# Is it Possible ....



## Dubai_Boy (May 21, 2003)

To know the heights of the Buildings currently under construction at various locations in Dubai

Coz i`ve noticed whenever anything rises in the west , they know the height in feet and meters and the number of floors , but here it seems they dont care :bash: 

So how about we make a List Ok


This is All i know of :-

Abbco rotana Hotel :- 333.2 meters to roof and 380 meters to spire wich is exactly 1093.22 feet to roof and 1246.78 feet to spire


----------



## SA BOY (Mar 29, 2003)

DB- Its cos in the west these figures are published from confirmed sources. If someone went to the dubai municipality and could confrim them then they would be added as well as being added on skyscrapers.com (of which I am the Dubai editor).

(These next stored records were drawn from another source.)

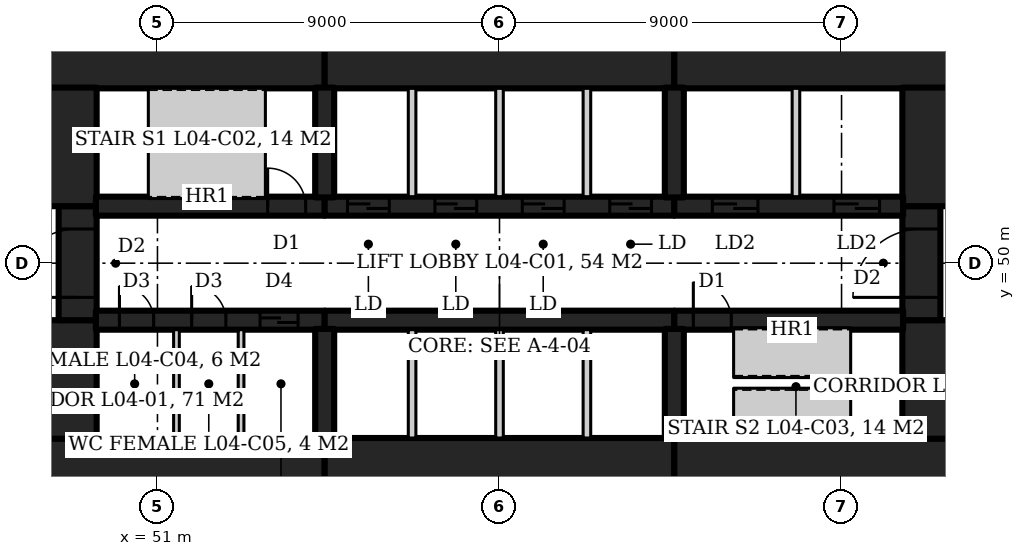
"""IFC4 building model, lengths in metres.
Left out: names, types, materials, properties, quantities, classifications, styles, units other than length and angle.
Written with IfcOpenShell. Run it as: python <this file> out.ifc"""

import sys

from ifc_helpers import new_model, si_unit, direction, frame, frame_2d, origin, place, context, subcontext, project, spatial, rectangle, extrude, element, fill, save


model = new_model("IFC4")
c1 = context("Model", 3, precision=1e-05, world=origin(), true_north=direction((0.0, 1.0)))
c2 = subcontext(c1, "Body", "Model", "MODEL_VIEW")
j1 = project(units=[si_unit("LENGTHUNIT", "METRE"), si_unit("PLANEANGLEUNIT", "RADIAN")], contexts=[c1])
p1 = place(None, origin())
s1 = spatial("IfcSite", under=j1, at=p1, CompositionType="ELEMENT")
p2 = place(p1, origin())
s2 = spatial("IfcBuilding", under=s1, at=p2, CompositionType="ELEMENT")
p3 = place(p2, frame((0.0, 0.0, 26.0)))
s3 = spatial("IfcBuildingStorey", under=s2, at=p3, CompositionType="ELEMENT", Elevation=26.0)
p4 = place(p3, frame((47.6, 55.5, 0.0), z_axis=(0.0, 0.0, 1.0), x_axis=(1.0, 0.0, 0.0)))
e1 = element("IfcWall", 1, at=p4, inside=s3, PredefinedType="SHEAR", context=c2, shape_type="SweptSolid", body=[
    extrude(rectangle(XDim=7.8, YDim=1.8, at=frame_2d((3.9, 0.0))), origin(), (0.0, 0.0, 1.0), 4.2),
])
p5 = place(p3, frame((55.4, 55.5, 0.0), z_axis=(0.0, 0.0, 1.0), x_axis=(1.0, 0.0, 0.0)))
e2 = element("IfcWall", 2, at=p5, inside=s3, PredefinedType="SHEAR", context=c2, shape_type="SweptSolid", body=[
    extrude(rectangle(XDim=9.2, YDim=1.8, at=frame_2d((4.6, 0.0))), origin(), (0.0, 0.0, 1.0), 4.2),
])
for number, where, z_axis, x_axis in (
    (3, (64.6, 55.5, 0.0), (0.0, 0.0, 1.0), (1.0, 0.0, 0.0)),
    (4, (47.6, 44.5, 0.0), (0.0, 0.0, 1.0), (1.0, 0.0, 0.0)),
):
    element("IfcWall", number, at=place(p3, frame(where, z_axis=z_axis, x_axis=x_axis)), inside=s3, PredefinedType="SHEAR", context=c2, shape_type="SweptSolid", body=[
        extrude(rectangle(XDim=7.8, YDim=1.8, at=frame_2d((3.9, 0.0))), origin(), (0.0, 0.0, 1.0), 4.2),
    ])
p6 = place(p3, frame((55.4, 44.5, 0.0), z_axis=(0.0, 0.0, 1.0), x_axis=(1.0, 0.0, 0.0)))
e5 = element("IfcWall", 5, at=p6, inside=s3, PredefinedType="SHEAR", context=c2, shape_type="SweptSolid", body=[
    extrude(rectangle(XDim=9.2, YDim=1.8, at=frame_2d((4.6, 0.0))), origin(), (0.0, 0.0, 1.0), 4.2),
])
p7 = place(p3, frame((64.6, 44.5, 0.0), z_axis=(0.0, 0.0, 1.0), x_axis=(1.0, 0.0, 0.0)))
e6 = element("IfcWall", 6, at=p7, inside=s3, PredefinedType="SHEAR", context=c2, shape_type="SweptSolid", body=[
    extrude(rectangle(XDim=7.8, YDim=1.8, at=frame_2d((3.9, 0.0))), origin(), (0.0, 0.0, 1.0), 4.2),
])
p8 = place(p3, frame((71.5, 45.38, 0.0), z_axis=(0.0, 0.0, 1.0), x_axis=(0.0, 1.0, 0.0)))
e7 = element("IfcWall", 7, at=p8, inside=s3, PredefinedType="SHEAR", context=c2, shape_type="SweptSolid", body=[
    extrude(rectangle(XDim=3.12, YDim=1.8, at=frame_2d((1.56, 0.0))), origin(), (0.0, 0.0, 1.0), 4.2),
])
p9 = place(p3, frame((71.1, 48.5, 0.0), z_axis=(0.0, 0.0, 1.0), x_axis=(0.0, 1.0, 0.0)))
e8 = element("IfcWall", 8, at=p9, inside=s3, PredefinedType="SHEAR", context=c2, shape_type="SweptSolid", body=[
    extrude(rectangle(XDim=3.0, YDim=1.0, at=frame_2d((1.5, 0.0))), origin(), (0.0, 0.0, 1.0), 4.2),
])
p10 = place(p9, frame((0.6, 0.0, 0.0)))
e9 = element("IfcOpeningElement", 9, at=p10, cuts=e8, PredefinedType="OPENING", context=c2, shape_type="SweptSolid", body=[
    extrude(rectangle(XDim=1.8, YDim=2.1, at=frame_2d((0.9, 1.05))), frame((0.0, 0.51, 0.0), z_axis=(0.0, -1.0, 0.0), x_axis=(1.0, 0.0, 0.0)), (0.0, 0.0, 1.0), 1.02),
])
for number, where, z_axis, x_axis in (
    (10, (71.5, 51.5, 0.0), (0.0, 0.0, 1.0), (0.0, 1.0, 0.0)),
    (11, (48.5, 45.38, 0.0), (0.0, 0.0, 1.0), (0.0, 1.0, 0.0)),
):
    element("IfcWall", number, at=place(p3, frame(where, z_axis=z_axis, x_axis=x_axis)), inside=s3, PredefinedType="SHEAR", context=c2, shape_type="SweptSolid", body=[
        extrude(rectangle(XDim=3.12, YDim=1.8, at=frame_2d((1.56, 0.0))), origin(), (0.0, 0.0, 1.0), 4.2),
    ])
p11 = place(p3, frame((48.9, 48.5, 0.0), z_axis=(0.0, 0.0, 1.0), x_axis=(0.0, 1.0, 0.0)))
e12 = element("IfcWall", 12, at=p11, inside=s3, PredefinedType="SHEAR", context=c2, shape_type="SweptSolid", body=[
    extrude(rectangle(XDim=3.0, YDim=1.0, at=frame_2d((1.5, 0.0))), origin(), (0.0, 0.0, 1.0), 4.2),
])
p12 = place(p11, frame((0.6, 0.0, 0.0)))
e13 = element("IfcOpeningElement", 13, at=p12, cuts=e12, PredefinedType="OPENING", context=c2, shape_type="SweptSolid", body=[
    extrude(rectangle(XDim=1.8, YDim=2.1, at=frame_2d((0.9, 1.05))), frame((0.0, 0.51, 0.0), z_axis=(0.0, -1.0, 0.0), x_axis=(1.0, 0.0, 0.0)), (0.0, 0.0, 1.0), 1.02),
])
p13 = place(p3, frame((48.5, 51.5, 0.0), z_axis=(0.0, 0.0, 1.0), x_axis=(0.0, 1.0, 0.0)))
e14 = element("IfcWall", 14, at=p13, inside=s3, PredefinedType="SHEAR", context=c2, shape_type="SweptSolid", body=[
    extrude(rectangle(XDim=3.12, YDim=1.8, at=frame_2d((1.56, 0.0))), origin(), (0.0, 0.0, 1.0), 4.2),
])
p14 = place(p3, frame((49.38, 51.5, 0.0), z_axis=(0.0, 0.0, 1.0), x_axis=(1.0, 0.0, 0.0)))
e15 = element("IfcWall", 15, at=p14, inside=s3, PredefinedType="SHEAR", context=c2, shape_type="SweptSolid", body=[
    extrude(rectangle(XDim=6.02, YDim=0.5, at=frame_2d((3.01, 0.0))), origin(), (0.0, 0.0, 1.0), 4.2),
])
p15 = place(p14, frame((4.52, 0.0, 0.0)))
e16 = element("IfcOpeningElement", 16, at=p15, cuts=e15, PredefinedType="OPENING", context=c2, shape_type="SweptSolid", body=[
    extrude(rectangle(XDim=1.0, YDim=2.1, at=frame_2d((0.5, 1.05))), frame((0.0, 0.26, 0.0), z_axis=(0.0, -1.0, 0.0), x_axis=(1.0, 0.0, 0.0)), (0.0, 0.0, 1.0), 0.52),
])
p16 = place(p3, frame((55.4, 51.5, 0.0), z_axis=(0.0, 0.0, 1.0), x_axis=(1.0, 0.0, 0.0)))
e17 = element("IfcWall", 17, at=p16, inside=s3, PredefinedType="SHEAR", context=c2, shape_type="SweptSolid", body=[
    extrude(rectangle(XDim=9.2, YDim=0.5, at=frame_2d((4.6, 0.0))), origin(), (0.0, 0.0, 1.0), 4.2),
])
p17 = place(p16, frame((0.6, 0.0, 0.0)))
e18 = element("IfcOpeningElement", 18, at=p17, cuts=e17, PredefinedType="OPENING", context=c2, shape_type="SweptSolid", body=[
    extrude(rectangle(XDim=1.1, YDim=2.1, at=frame_2d((0.55, 1.05))), frame((0.0, 0.26, 0.0), z_axis=(0.0, -1.0, 0.0), x_axis=(1.0, 0.0, 0.0)), (0.0, 0.0, 1.0), 0.52),
])
p18 = place(p16, frame((2.9, 0.0, 0.0)))
e19 = element("IfcOpeningElement", 19, at=p18, cuts=e17, PredefinedType="OPENING", context=c2, shape_type="SweptSolid", body=[
    extrude(rectangle(XDim=1.1, YDim=2.1, at=frame_2d((0.55, 1.05))), frame((0.0, 0.26, 0.0), z_axis=(0.0, -1.0, 0.0), x_axis=(1.0, 0.0, 0.0)), (0.0, 0.0, 1.0), 0.52),
])
p19 = place(p16, frame((5.2, 0.0, 0.0)))
e20 = element("IfcOpeningElement", 20, at=p19, cuts=e17, PredefinedType="OPENING", context=c2, shape_type="SweptSolid", body=[
    extrude(rectangle(XDim=1.1, YDim=2.1, at=frame_2d((0.55, 1.05))), frame((0.0, 0.26, 0.0), z_axis=(0.0, -1.0, 0.0), x_axis=(1.0, 0.0, 0.0)), (0.0, 0.0, 1.0), 0.52),
])
p20 = place(p16, frame((7.5, 0.0, 0.0)))
e21 = element("IfcOpeningElement", 21, at=p20, cuts=e17, PredefinedType="OPENING", context=c2, shape_type="SweptSolid", body=[
    extrude(rectangle(XDim=1.1, YDim=2.1, at=frame_2d((0.55, 1.05))), frame((0.0, 0.26, 0.0), z_axis=(0.0, -1.0, 0.0), x_axis=(1.0, 0.0, 0.0)), (0.0, 0.0, 1.0), 0.52),
])
p21 = place(p3, frame((64.6, 51.5, 0.0), z_axis=(0.0, 0.0, 1.0), x_axis=(1.0, 0.0, 0.0)))
e22 = element("IfcWall", 22, at=p21, inside=s3, PredefinedType="SHEAR", context=c2, shape_type="SweptSolid", body=[
    extrude(rectangle(XDim=6.02, YDim=0.5, at=frame_2d((3.01, 0.0))), origin(), (0.0, 0.0, 1.0), 4.2),
])
p22 = place(p21, frame((1.0, 0.0, 0.0)))
e23 = element("IfcOpeningElement", 23, at=p22, cuts=e22, PredefinedType="OPENING", context=c2, shape_type="SweptSolid", body=[
    extrude(rectangle(XDim=1.2, YDim=2.1, at=frame_2d((0.6, 1.05))), frame((0.0, 0.26, 0.0), z_axis=(0.0, -1.0, 0.0), x_axis=(1.0, 0.0, 0.0)), (0.0, 0.0, 1.0), 0.52),
])
p23 = place(p21, frame((4.2, 0.0, 0.0)))
e24 = element("IfcOpeningElement", 24, at=p23, cuts=e22, PredefinedType="OPENING", context=c2, shape_type="SweptSolid", body=[
    extrude(rectangle(XDim=1.2, YDim=2.1, at=frame_2d((0.6, 1.05))), frame((0.0, 0.26, 0.0), z_axis=(0.0, -1.0, 0.0), x_axis=(1.0, 0.0, 0.0)), (0.0, 0.0, 1.0), 0.52),
])
p24 = place(p3, frame((49.38, 48.5, 0.0), z_axis=(0.0, 0.0, 1.0), x_axis=(1.0, 0.0, 0.0)))
e25 = element("IfcWall", 25, at=p24, inside=s3, PredefinedType="SHEAR", context=c2, shape_type="SweptSolid", body=[
    extrude(rectangle(XDim=6.02, YDim=0.5, at=frame_2d((3.01, 0.0))), origin(), (0.0, 0.0, 1.0), 4.2),
])
p25 = place(p24, frame((0.62, 0.0, 0.0)))
e26 = element("IfcOpeningElement", 26, at=p25, cuts=e25, PredefinedType="OPENING", context=c2, shape_type="SweptSolid", body=[
    extrude(rectangle(XDim=0.9, YDim=2.1, at=frame_2d((0.45, 1.05))), frame((0.0, 0.26, 0.0), z_axis=(0.0, -1.0, 0.0), x_axis=(1.0, 0.0, 0.0)), (0.0, 0.0, 1.0), 0.52),
])
p26 = place(p24, frame((2.52, 0.0, 0.0)))
e27 = element("IfcOpeningElement", 27, at=p26, cuts=e25, PredefinedType="OPENING", context=c2, shape_type="SweptSolid", body=[
    extrude(rectangle(XDim=0.9, YDim=2.1, at=frame_2d((0.45, 1.05))), frame((0.0, 0.26, 0.0), z_axis=(0.0, -1.0, 0.0), x_axis=(1.0, 0.0, 0.0)), (0.0, 0.0, 1.0), 0.52),
])
p27 = place(p24, frame((4.32, 0.0, 0.0)))
e28 = element("IfcOpeningElement", 28, at=p27, cuts=e25, PredefinedType="OPENING", context=c2, shape_type="SweptSolid", body=[
    extrude(rectangle(XDim=1.0, YDim=2.1, at=frame_2d((0.5, 1.05))), frame((0.0, 0.26, 0.0), z_axis=(0.0, -1.0, 0.0), x_axis=(1.0, 0.0, 0.0)), (0.0, 0.0, 1.0), 0.52),
])
p28 = place(p3, frame((55.4, 48.5, 0.0), z_axis=(0.0, 0.0, 1.0), x_axis=(1.0, 0.0, 0.0)))
e29 = element("IfcWall", 29, at=p28, inside=s3, PredefinedType="SHEAR", context=c2, shape_type="SweptSolid", body=[
    extrude(rectangle(XDim=9.2, YDim=0.5, at=frame_2d((4.6, 0.0))), origin(), (0.0, 0.0, 1.0), 4.2),
])
p29 = place(p3, frame((64.6, 48.5, 0.0), z_axis=(0.0, 0.0, 1.0), x_axis=(1.0, 0.0, 0.0)))
e30 = element("IfcWall", 30, at=p29, inside=s3, PredefinedType="SHEAR", context=c2, shape_type="SweptSolid", body=[
    extrude(rectangle(XDim=6.02, YDim=0.5, at=frame_2d((3.01, 0.0))), origin(), (0.0, 0.0, 1.0), 4.2),
])
p30 = place(p29, frame((0.5, 0.0, 0.0)))
e31 = element("IfcOpeningElement", 31, at=p30, cuts=e30, PredefinedType="OPENING", context=c2, shape_type="SweptSolid", body=[
    extrude(rectangle(XDim=1.0, YDim=2.1, at=frame_2d((0.5, 1.05))), frame((0.0, 0.26, 0.0), z_axis=(0.0, -1.0, 0.0), x_axis=(1.0, 0.0, 0.0)), (0.0, 0.0, 1.0), 0.52),
])
for number, where, z_axis, x_axis in (
    (32, (55.4, 51.73, 0.0), (0.0, 0.0, 1.0), (0.0, 1.0, 0.0)),
    (33, (64.6, 51.73, 0.0), (0.0, 0.0, 1.0), (0.0, 1.0, 0.0)),
    (34, (55.4, 48.27, 0.0), (0.0, 0.0, 1.0), (0.0, -1.0, 0.0)),
    (35, (64.6, 48.27, 0.0), (0.0, 0.0, 1.0), (0.0, -1.0, 0.0)),
):
    element("IfcWall", number, at=place(p3, frame(where, z_axis=z_axis, x_axis=x_axis)), inside=s3, PredefinedType="SHEAR", context=c2, shape_type="SweptSolid", body=[
        extrude(rectangle(XDim=2.89, YDim=0.5, at=frame_2d((1.445, 0.0))), origin(), (0.0, 0.0, 1.0), 4.2),
    ])
for number, where, z_axis, x_axis in (
    (36, (57.7, 51.75, 0.0), (0.0, 0.0, 1.0), (0.0, 1.0, 0.0)),
    (37, (60.0, 51.75, 0.0), (0.0, 0.0, 1.0), (0.0, 1.0, 0.0)),
    (38, (62.3, 51.75, 0.0), (0.0, 0.0, 1.0), (0.0, 1.0, 0.0)),
    (39, (57.7, 45.4, 0.0), (0.0, 0.0, 1.0), (0.0, 1.0, 0.0)),
    (40, (60.0, 45.4, 0.0), (0.0, 0.0, 1.0), (0.0, 1.0, 0.0)),
    (41, (62.3, 45.4, 0.0), (0.0, 0.0, 1.0), (0.0, 1.0, 0.0)),
    (42, (67.8, 51.75, 0.0), (0.0, 0.0, 1.0), (0.0, 1.0, 0.0)),
):
    element("IfcWall", number, at=place(p3, frame(where, z_axis=z_axis, x_axis=x_axis)), inside=s3, PredefinedType="PARTITIONING", context=c2, shape_type="SweptSolid", body=[
        extrude(rectangle(XDim=2.85, YDim=0.2, at=frame_2d((1.425, 0.0))), origin(), (0.0, 0.0, 1.0), 4.2),
    ])
for number, where, z_axis, x_axis in (
    (43, (51.5, 45.4, 0.0), (0.0, 0.0, 1.0), (0.0, 1.0, 0.0)),
    (44, (53.2, 45.4, 0.0), (0.0, 0.0, 1.0), (0.0, 1.0, 0.0)),
):
    element("IfcWall", number, at=place(p3, frame(where, z_axis=z_axis, x_axis=x_axis)), inside=s3, PredefinedType="PARTITIONING", context=c2, shape_type="SweptSolid", body=[
        extrude(rectangle(XDim=2.85, YDim=0.15, at=frame_2d((1.425, 0.0))), origin(), (0.0, 0.0, 1.0), 4.04),
    ])
p31 = place(p15, origin())
e45 = element("IfcDoor", 45, at=p31, inside=s3, OperationType="SINGLE_SWING_LEFT", PredefinedType="DOOR", context=c2, shape_type="SweptSolid", body=[
    extrude(rectangle(XDim=1.0, YDim=2.1, at=frame_2d((0.5, 1.05))), frame((0.0, 0.025, 0.0), z_axis=(0.0, -1.0, 0.0), x_axis=(1.0, 0.0, 0.0)), (0.0, 0.0, 1.0), 0.05),
])
fill(e16, e45)
p32 = place(p30, origin())
e46 = element("IfcDoor", 46, at=p32, inside=s3, OperationType="SINGLE_SWING_LEFT", PredefinedType="DOOR", context=c2, shape_type="SweptSolid", body=[
    extrude(rectangle(XDim=1.0, YDim=2.1, at=frame_2d((0.5, 1.05))), frame((0.0, 0.025, 0.0), z_axis=(0.0, -1.0, 0.0), x_axis=(1.0, 0.0, 0.0)), (0.0, 0.0, 1.0), 0.05),
])
fill(e31, e46)
p33 = place(p22, origin())
e47 = element("IfcDoor", 47, at=p33, inside=s3, OperationType="SLIDING_TO_LEFT", PredefinedType="DOOR", context=c2, shape_type="SweptSolid", body=[
    extrude(rectangle(XDim=1.2, YDim=2.1, at=frame_2d((0.6, 1.05))), frame((0.0, 0.025, 0.0), z_axis=(0.0, -1.0, 0.0), x_axis=(1.0, 0.0, 0.0)), (0.0, 0.0, 1.0), 0.05),
])
fill(e23, e47)
p34 = place(p23, origin())
e48 = element("IfcDoor", 48, at=p34, inside=s3, OperationType="SLIDING_TO_LEFT", PredefinedType="DOOR", context=c2, shape_type="SweptSolid", body=[
    extrude(rectangle(XDim=1.2, YDim=2.1, at=frame_2d((0.6, 1.05))), frame((0.0, 0.025, 0.0), z_axis=(0.0, -1.0, 0.0), x_axis=(1.0, 0.0, 0.0)), (0.0, 0.0, 1.0), 0.05),
])
fill(e24, e48)
p35 = place(p17, origin())
e49 = element("IfcDoor", 49, at=p35, inside=s3, OperationType="SLIDING_TO_LEFT", PredefinedType="DOOR", context=c2, shape_type="SweptSolid", body=[
    extrude(rectangle(XDim=1.1, YDim=2.1, at=frame_2d((0.55, 1.05))), frame((0.0, 0.025, 0.0), z_axis=(0.0, -1.0, 0.0), x_axis=(1.0, 0.0, 0.0)), (0.0, 0.0, 1.0), 0.05),
])
fill(e18, e49)
p36 = place(p18, origin())
e50 = element("IfcDoor", 50, at=p36, inside=s3, OperationType="SLIDING_TO_LEFT", PredefinedType="DOOR", context=c2, shape_type="SweptSolid", body=[
    extrude(rectangle(XDim=1.1, YDim=2.1, at=frame_2d((0.55, 1.05))), frame((0.0, 0.025, 0.0), z_axis=(0.0, -1.0, 0.0), x_axis=(1.0, 0.0, 0.0)), (0.0, 0.0, 1.0), 0.05),
])
fill(e19, e50)
p37 = place(p19, origin())
e51 = element("IfcDoor", 51, at=p37, inside=s3, OperationType="SLIDING_TO_LEFT", PredefinedType="DOOR", context=c2, shape_type="SweptSolid", body=[
    extrude(rectangle(XDim=1.1, YDim=2.1, at=frame_2d((0.55, 1.05))), frame((0.0, 0.025, 0.0), z_axis=(0.0, -1.0, 0.0), x_axis=(1.0, 0.0, 0.0)), (0.0, 0.0, 1.0), 0.05),
])
fill(e20, e51)
p38 = place(p20, origin())
e52 = element("IfcDoor", 52, at=p38, inside=s3, OperationType="SLIDING_TO_LEFT", PredefinedType="DOOR", context=c2, shape_type="SweptSolid", body=[
    extrude(rectangle(XDim=1.1, YDim=2.1, at=frame_2d((0.55, 1.05))), frame((0.0, 0.025, 0.0), z_axis=(0.0, -1.0, 0.0), x_axis=(1.0, 0.0, 0.0)), (0.0, 0.0, 1.0), 0.05),
])
fill(e21, e52)
p39 = place(p25, origin())
e53 = element("IfcDoor", 53, at=p39, inside=s3, OperationType="SINGLE_SWING_RIGHT", PredefinedType="DOOR", context=c2, shape_type="SweptSolid", body=[
    extrude(rectangle(XDim=0.9, YDim=2.1, at=frame_2d((0.45, 1.05))), frame((0.0, 0.025, 0.0), z_axis=(0.0, -1.0, 0.0), x_axis=(1.0, 0.0, 0.0)), (0.0, 0.0, 1.0), 0.05),
])
fill(e26, e53)
p40 = place(p26, origin())
e54 = element("IfcDoor", 54, at=p40, inside=s3, OperationType="SINGLE_SWING_RIGHT", PredefinedType="DOOR", context=c2, shape_type="SweptSolid", body=[
    extrude(rectangle(XDim=0.9, YDim=2.1, at=frame_2d((0.45, 1.05))), frame((0.0, 0.025, 0.0), z_axis=(0.0, -1.0, 0.0), x_axis=(1.0, 0.0, 0.0)), (0.0, 0.0, 1.0), 0.05),
])
fill(e27, e54)
p41 = place(p27, origin())
e55 = element("IfcDoor", 55, at=p41, inside=s3, OperationType="SLIDING_TO_LEFT", PredefinedType="DOOR", context=c2, shape_type="SweptSolid", body=[
    extrude(rectangle(XDim=1.0, YDim=2.1, at=frame_2d((0.5, 1.05))), frame((0.0, 0.025, 0.0), z_axis=(0.0, -1.0, 0.0), x_axis=(1.0, 0.0, 0.0)), (0.0, 0.0, 1.0), 0.05),
])
fill(e28, e55)
p42 = place(p10, origin())
e56 = element("IfcDoor", 56, at=p42, inside=s3, OperationType="DOUBLE_DOOR_DOUBLE_SWING", PredefinedType="DOOR", context=c2, shape_type="SweptSolid", body=[
    extrude(rectangle(XDim=1.8, YDim=2.1, at=frame_2d((0.9, 1.05))), frame((0.0, 0.025, 0.0), z_axis=(0.0, -1.0, 0.0), x_axis=(1.0, 0.0, 0.0)), (0.0, 0.0, 1.0), 0.05),
])
fill(e9, e56)
p43 = place(p12, origin())
e57 = element("IfcDoor", 57, at=p43, inside=s3, OperationType="DOUBLE_DOOR_DOUBLE_SWING", PredefinedType="DOOR", context=c2, shape_type="SweptSolid", body=[
    extrude(rectangle(XDim=1.8, YDim=2.1, at=frame_2d((0.9, 1.05))), frame((0.0, 0.025, 0.0), z_axis=(0.0, -1.0, 0.0), x_axis=(1.0, 0.0, 0.0)), (0.0, 0.0, 1.0), 0.05),
])
fill(e13, e57)
save(model, sys.argv[1])

Here say and assumptions are not permitted cos of the inaccuracies.
Good luck


----------



## Guest (Jul 11, 2004)

Hi Dubai_boy and SA_BOY,
I noticed that your location is in Dubai, and i need a favor from you... i'm thinking of moving to duabi, and i need to know what the living expenses over there are... i have a spread sheet that i could e-mail it to you to fill it out... please if you are interested in helping me, can you e-mail me at [email protected] to e-mail you the spread sheet.
Thanks in advance

-Lebanese_007


----------



## Trances (May 19, 2003)

yes the heights are a little harder to get saddly


----------